In Burns v. Morton, 134 F.3d 109, 113 (3d Cir. 1998), our Court of Appeals held that a federal prisoner's § 2255 motion "is deemed filed at the moment he delivers it to prison officials for mailing to the district court." Hence, if Mr. Perez-Diaz had deposited his motion in the "postal box at the Clinton Correctional Facility Annex" on January 20, 2005, his § 2255 motion would be timely under the "prison mailbox rule."
Mr. Perez-Diaz's declaration that his § 2255 motion was deposited in the mail on January 20, 2005, is further undermined by his citation to other cases decided after January 20, 2005.See Dkt. Entry 27, at 6 (citing Humphress v. United States, 398 F.3d 855 (6th Cir., Feb. 25, 2005); Varela v. United States, 400 F.3d 864 (11th Cir., Feb. 17, 2005); McReynolds v. United States, 397 F.3d 479 (7th Cir., Feb. 2, 2005);United States v. Crosby, 397 F.3d 103 (2d Cir., Feb. 2, 2005)).

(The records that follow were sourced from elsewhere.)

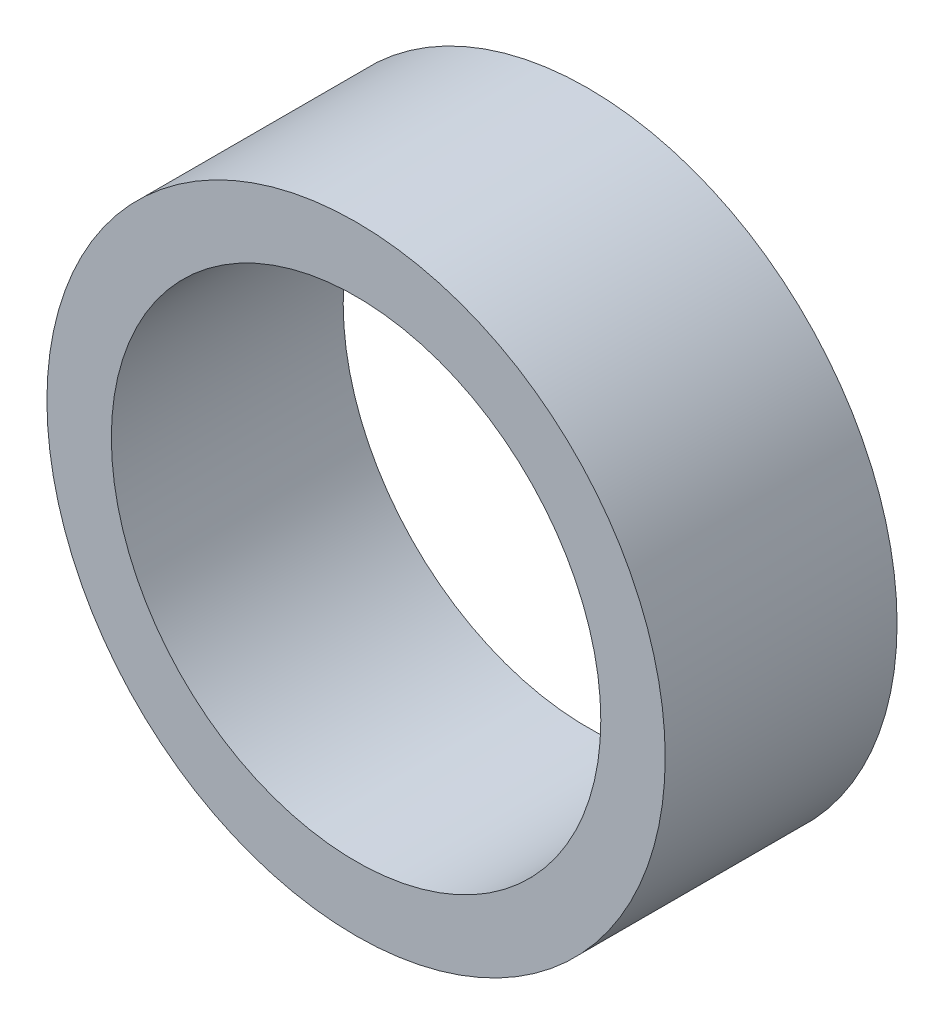
SolidWorks part; units mm, degrees
ref_plane "前视基准面" through (0, 0, 0) normal (0, 0, 1) x (1, 0, 0)
ref_plane "上视基准面" through (0, 0, 0) normal (0, 1, 0) x (1, 0, 0)
ref_plane "右视基准面" through (0, 0, 0) normal (1, 0, 0) x (0, 0, -1)
other "Configuration Table"
sketch "草图1" plane through (0, 0, 0) normal (0, 0, 1) x (1, 0, 0)
  circle A0 centre (0, 0) radius 19
  circle A1 centre (0, 0) radius 24
extrude "凸台-拉伸1" add sketch "草图1" along normal blind 18

It is apparent that Mr. Perez-Diaz backdated his affidavit of service in an effort to deceive the Court into concluding his motion was timely filed. Assuming that Mr. Perez-Diaz deposited his § 2255 motion in the "postal box at the Clinton Correctional Facility Annex" on March 10, 2005, the earliest possible date, his motion is plainly outside the one-year limitations period and, therefore, untimely.
In its motion to dismiss, the Government butresses its position by suggesting that the typed date on the § 2255 motion's affidavit of service was altered because of inconsistent spacing before and after the word "January." (See Dkt. Entry 32, at 2-3 n. 1.) This Court agrees that the spacing before and after the word "January," specifically the additional spacing between the words "of" and "January," and between the word "January" and the comma that immediately follows (see Dkt. Entry 27, at 14), warrants an inference that the date was altered. This inference is strengthened when the spacing is viewed in conjunction with the citation to Ballard.
ACCORDINGLY IT IS HEREBY ORDERED THAT:
1. The Government's motion to dismiss (Dkt. Entry 32) is GRANTED.
2. Defendant's Motion to vacate or correct his sentence (Dkt. Entry 27) is DENIED.
3. The Clerk of Court is directed to mark the related civil action (No. 3:CV-05-2052) CLOSED.
4. There is no basis for the issuance of a certificate of appealability. An appeal from this Order shall be deemed frivolous.